Published online by Cambridge University Press: 01 March 2024
In 2022, the Haslemere Educational Museum hosted an exhibition about bird migration, aiming to expand people's knowledge of this phenomenon, and to inform and arouse concern about the decline of many summer migrants, a problem that is being increasingly reported worldwide. For instance, in January 2023, an article in the Guardian signalled that, due to the climate crisis, the number of UK's winter birds is in sharp decline.
In the meantime, European newspapers and TV news talk about the migrant crisis in Europe, highlighting its effects and consequences for society. As an Italian, I am very familiar with these discourses; our press coverage continuously reports about a supposed migrant invasion, portraying the country as invaded by refugees and asylum seekers.
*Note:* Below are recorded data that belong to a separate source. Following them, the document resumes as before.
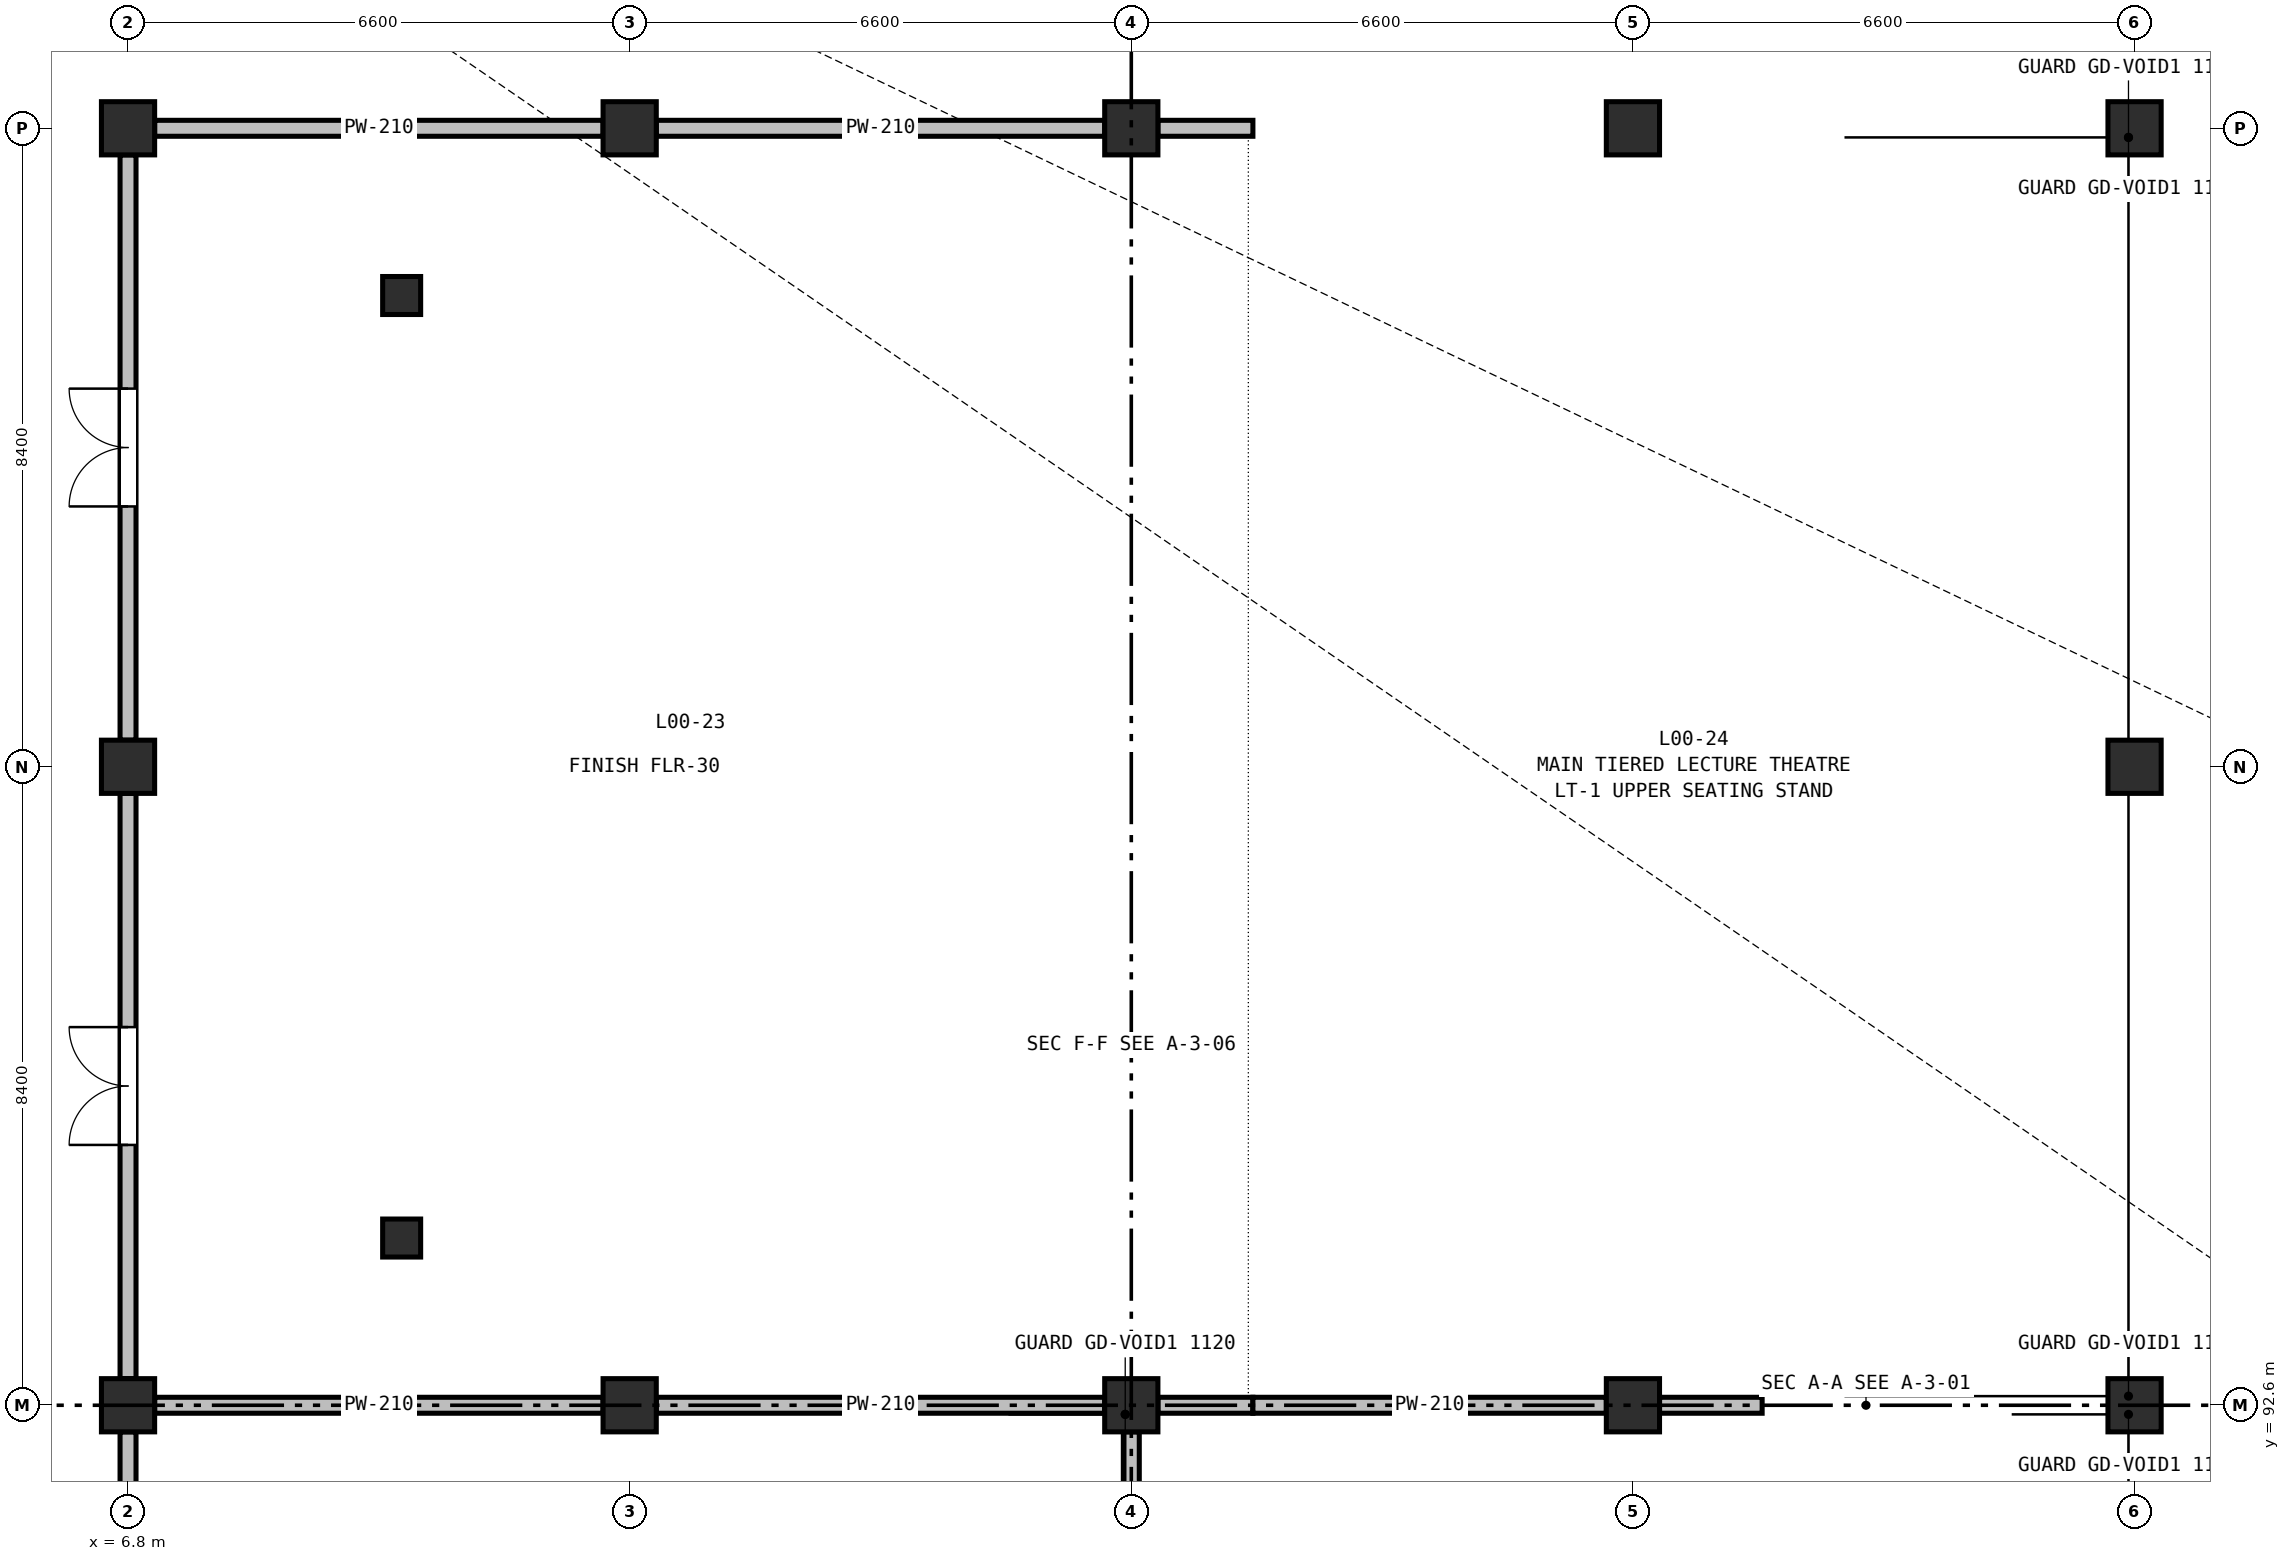
"""IFC4 building model, lengths in metres.
Left out: names, types, materials, properties, quantities, classifications, styles, units other than length and angle.
Written with IfcOpenShell. Run it as: python <this file> out.ifc"""

import sys

from ifc_helpers import new_model, si_unit, direction, frame, frame_2d, origin, origin_2d, place, context, subcontext, project, spatial, rectangle, extrude, element, fill, save


model = new_model("IFC4")
c1 = context("Model", 3, precision=1e-05, world=origin(), true_north=direction((0.0, 1.0)))
c2 = subcontext(c1, "Body", "Model", "MODEL_VIEW")
j1 = project(units=[si_unit("LENGTHUNIT", "METRE"), si_unit("PLANEANGLEUNIT", "RADIAN")], contexts=[c1])
p1 = place(None, origin())
s1 = spatial("IfcSite", under=j1, at=p1, CompositionType="ELEMENT")
p2 = place(p1, origin())
s2 = spatial("IfcBuilding", under=s1, at=p2, CompositionType="ELEMENT")
p3 = place(p2, origin())
s3 = spatial("IfcBuildingStorey", under=s2, at=p3, CompositionType="ELEMENT", Elevation=0.0)
for number, where, z_axis, x_axis in (
    (1, (6.8, 92.6, -0.32), (0.0, 0.0, 1.0), (1.0, 0.0, 0.0)),
    (2, (6.8, 101.0, -0.32), (0.0, 0.0, 1.0), (1.0, 0.0, 0.0)),
    (3, (6.8, 109.4, -0.32), (0.0, 0.0, 1.0), (1.0, 0.0, 0.0)),
    (4, (13.4, 92.6, -0.32), (0.0, 0.0, 1.0), (1.0, 0.0, 0.0)),
    (5, (13.4, 109.4, -0.32), (0.0, 0.0, 1.0), (1.0, 0.0, 0.0)),
    (6, (20.0, 92.6, -0.32), (0.0, 0.0, 1.0), (1.0, 0.0, 0.0)),
    (7, (20.0, 109.4, -0.32), (0.0, 0.0, 1.0), (1.0, 0.0, 0.0)),
    (8, (26.6, 92.6, -0.32), (0.0, 0.0, 1.0), (1.0, 0.0, 0.0)),
    (9, (26.6, 109.4, -0.32), (0.0, 0.0, 1.0), (1.0, 0.0, 0.0)),
    (10, (33.2, 92.6, -0.32), (0.0, 0.0, 1.0), (1.0, 0.0, 0.0)),
    (11, (33.2, 101.0, -0.32), (0.0, 0.0, 1.0), (1.0, 0.0, 0.0)),
    (12, (33.2, 109.4, -0.32), (0.0, 0.0, 1.0), (1.0, 0.0, 0.0)),
):
    element("IfcColumn", number, at=place(p3, frame(where, z_axis=z_axis, x_axis=x_axis)), inside=s3, PredefinedType="COLUMN", context=c2, shape_type="SweptSolid", body=[
        extrude(rectangle(XDim=0.7, YDim=0.7, at=origin_2d()), origin(), (0.0, 0.0, 1.0), 5.72),
    ])
for number, where, z_axis, x_axis in (
    (13, (10.4, 94.8, -0.32), (0.0, 0.0, 1.0), (1.0, 0.0, 0.0)),
    (14, (10.4, 107.2, -0.32), (0.0, 0.0, 1.0), (1.0, 0.0, 0.0)),
):
    element("IfcColumn", number, at=place(p3, frame(where, z_axis=z_axis, x_axis=x_axis)), inside=s3, PredefinedType="COLUMN", context=c2, shape_type="SweptSolid", body=[
        extrude(rectangle(XDim=0.5, YDim=0.5, at=origin_2d()), origin(), (0.0, 0.0, 1.0), 0.77),
    ])
p4 = place(p3, frame((7.15, 109.4, 0.0), z_axis=(0.0, 0.0, 1.0), x_axis=(1.0, 0.0, 0.0)))
e15 = element("IfcWall", 15, at=p4, inside=s3, PredefinedType="PARTITIONING", context=c2, shape_type="SweptSolid", body=[
    extrude(rectangle(XDim=5.9, YDim=0.21, at=frame_2d((2.95, 0.0))), origin(), (0.0, 0.0, 1.0), 4.735),
])
p5 = place(p3, frame((13.75, 109.4, 0.0), z_axis=(0.0, 0.0, 1.0), x_axis=(1.0, 0.0, 0.0)))
e16 = element("IfcWall", 16, at=p5, inside=s3, PredefinedType="PARTITIONING", context=c2, shape_type="SweptSolid", body=[
    extrude(rectangle(XDim=5.9, YDim=0.21, at=frame_2d((2.95, 0.0))), origin(), (0.0, 0.0, 1.0), 4.735),
])
for number, where, z_axis, x_axis in (
    (17, (20.35, 109.4, 0.0), (0.0, 0.0, 1.0), (1.0, 0.0, 0.0)),
    (18, (21.6, 92.6, 0.0), (0.0, 0.0, 1.0), (-1.0, 0.0, 0.0)),
):
    element("IfcWall", number, at=place(p3, frame(where, z_axis=z_axis, x_axis=x_axis)), inside=s3, PredefinedType="PARTITIONING", context=c2, shape_type="SweptSolid", body=[
        extrude(rectangle(XDim=1.25, YDim=0.21, at=frame_2d((0.625, 0.0))), origin(), (0.0, 0.0, 1.0), 4.735),
    ])
p6 = place(p3, frame((19.65, 92.6, 0.0), z_axis=(0.0, 0.0, 1.0), x_axis=(-1.0, 0.0, 0.0)))
e19 = element("IfcWall", 19, at=p6, inside=s3, PredefinedType="PARTITIONING", context=c2, shape_type="SweptSolid", body=[
    extrude(rectangle(XDim=5.9, YDim=0.21, at=frame_2d((2.95, 0.0))), origin(), (0.0, 0.0, 1.0), 4.735),
])
p7 = place(p3, frame((13.05, 92.6, 0.0), z_axis=(0.0, 0.0, 1.0), x_axis=(-1.0, 0.0, 0.0)))
e20 = element("IfcWall", 20, at=p7, inside=s3, PredefinedType="PARTITIONING", context=c2, shape_type="SweptSolid", body=[
    extrude(rectangle(XDim=5.9, YDim=0.21, at=frame_2d((2.95, 0.0))), origin(), (0.0, 0.0, 1.0), 4.735),
])
p8 = place(p3, frame((6.8, 92.95, 0.0), z_axis=(0.0, 0.0, 1.0), x_axis=(0.0, 1.0, 0.0)))
e21 = element("IfcWall", 21, at=p8, inside=s3, PredefinedType="PARTITIONING", context=c2, shape_type="SweptSolid", body=[
    extrude(rectangle(XDim=7.7, YDim=0.21, at=frame_2d((3.85, 0.0))), origin(), (0.0, 0.0, 1.0), 4.535),
])
p9 = place(p8, frame((3.075, 0.0, 0.0)))
e22 = element("IfcOpeningElement", 22, at=p9, cuts=e21, PredefinedType="OPENING", context=c2, shape_type="SweptSolid", body=[
    extrude(rectangle(XDim=1.55, YDim=2.2, at=frame_2d((0.775, 1.1))), frame((0.0, 0.115, 0.0), z_axis=(0.0, -1.0, 0.0), x_axis=(1.0, 0.0, 0.0)), (0.0, 0.0, 1.0), 0.23),
])
p10 = place(p3, frame((6.8, 101.35, 0.0), z_axis=(0.0, 0.0, 1.0), x_axis=(0.0, 1.0, 0.0)))
e23 = element("IfcWall", 23, at=p10, inside=s3, PredefinedType="PARTITIONING", context=c2, shape_type="SweptSolid", body=[
    extrude(rectangle(XDim=7.7, YDim=0.21, at=frame_2d((3.85, 0.0))), origin(), (0.0, 0.0, 1.0), 4.535),
])
p11 = place(p10, frame((3.075, 0.0, 0.0)))
e24 = element("IfcOpeningElement", 24, at=p11, cuts=e23, PredefinedType="OPENING", context=c2, shape_type="SweptSolid", body=[
    extrude(rectangle(XDim=1.55, YDim=2.2, at=frame_2d((0.775, 1.1))), frame((0.0, 0.115, 0.0), z_axis=(0.0, -1.0, 0.0), x_axis=(1.0, 0.0, 0.0)), (0.0, 0.0, 1.0), 0.23),
])
p12 = place(p3, frame((6.8, 84.55, 0.0), z_axis=(0.0, 0.0, 1.0), x_axis=(0.0, 1.0, 0.0)))
e25 = element("IfcWall", 25, at=p12, inside=s3, PredefinedType="PARTITIONING", context=c2, shape_type="SweptSolid", body=[
    extrude(rectangle(XDim=7.7, YDim=0.21, at=frame_2d((3.85, 0.0))), origin(), (0.0, 0.0, 1.0), 4.535),
])
p13 = place(p12, frame((3.075, 0.0, 0.0)))
e26 = element("IfcOpeningElement", 26, at=p13, cuts=e25, PredefinedType="OPENING", context=c2, shape_type="SweptSolid", body=[
    extrude(rectangle(XDim=1.55, YDim=2.2, at=frame_2d((0.775, 1.1))), frame((0.0, 0.115, 0.0), z_axis=(0.0, -1.0, 0.0), x_axis=(1.0, 0.0, 0.0)), (0.0, 0.0, 1.0), 0.23),
])
p14 = place(p3, frame((21.6, 92.6, 0.0), z_axis=(0.0, 0.0, 1.0), x_axis=(1.0, 0.0, 0.0)))
e27 = element("IfcWall", 27, at=p14, inside=s3, PredefinedType="PARTITIONING", context=c2, shape_type="SweptSolid", body=[
    extrude(rectangle(XDim=4.65, YDim=0.21, at=frame_2d((2.325, 0.0))), origin(), (0.0, 0.0, 1.0), 4.735),
])
p15 = place(p3, frame((26.95, 92.6, 0.0), z_axis=(0.0, 0.0, 1.0), x_axis=(1.0, 0.0, 0.0)))
e28 = element("IfcWall", 28, at=p15, inside=s3, PredefinedType="PARTITIONING", context=c2, shape_type="SweptSolid", body=[
    extrude(rectangle(XDim=1.35, YDim=0.21, at=frame_2d((0.675, 0.0))), origin(), (0.0, 0.0, 1.0), 4.735),
])
p16 = place(p3, frame((20.0, 84.55, 0.0), z_axis=(0.0, 0.0, 1.0), x_axis=(0.0, 1.0, 0.0)))
e29 = element("IfcWall", 29, at=p16, inside=s3, PredefinedType="PARTITIONING", context=c2, shape_type="SweptSolid", body=[
    extrude(rectangle(XDim=7.7, YDim=0.21, at=frame_2d((3.85, 0.0))), origin(), (0.0, 0.0, 1.0), 4.535),
])
p17 = place(p11, origin())
e30 = element("IfcDoor", 30, at=p17, inside=s3, OperationType="DOUBLE_DOOR_SINGLE_SWING", PredefinedType="DOOR", context=c2, shape_type="SweptSolid", body=[
    extrude(rectangle(XDim=1.55, YDim=2.2, at=frame_2d((0.775, 1.1))), frame((0.0, 0.025, 0.0), z_axis=(0.0, -1.0, 0.0), x_axis=(1.0, 0.0, 0.0)), (0.0, 0.0, 1.0), 0.05),
])
fill(e24, e30)
p18 = place(p9, origin())
e31 = element("IfcDoor", 31, at=p18, inside=s3, OperationType="DOUBLE_DOOR_SINGLE_SWING", PredefinedType="DOOR", context=c2, shape_type="SweptSolid", body=[
    extrude(rectangle(XDim=1.55, YDim=2.2, at=frame_2d((0.775, 1.1))), frame((0.0, 0.025, 0.0), z_axis=(0.0, -1.0, 0.0), x_axis=(1.0, 0.0, 0.0)), (0.0, 0.0, 1.0), 0.05),
])
fill(e22, e31)
save(model, sys.argv[1])

Taking these two facts into account, two considerations emerge. The first one concerns the different attitudes towards birds and people's migration. Bird migration is considered natural, necessary and unavoidable; like Dingle and Drake state, we tend to see animal migration as an ‘essential component of the life history and ecological niche of the organism’ (2007, 113). On the other hand, we are reluctant to accept human migration. In order to stop and delimit it, we build walls and make citizenship laws stricter and stricter. Nonetheless, the movement of people is not an unprecedented phenomenon. The general assumption is that ‘because a phenomenon is highly visible, contested and difficult to administratively manage, nothing like this has happened before’ (Mayblin and Turner 2021, 10). This is not true. People have always moved, and their movements have shaped the world as we know it.
The second consideration is that, far from being in decline, human migration is increasing more and more. According to Global Trends (2022), over the last decade, the number of refugees has doubled. On the one hand, this increased mobility is the result of people's innate curiosity and restlessness, of free borders and movement, which leads them to leave their comfort zone and explore new shores; on the other hand, it is the consequence of war, persecution, poverty and global warming.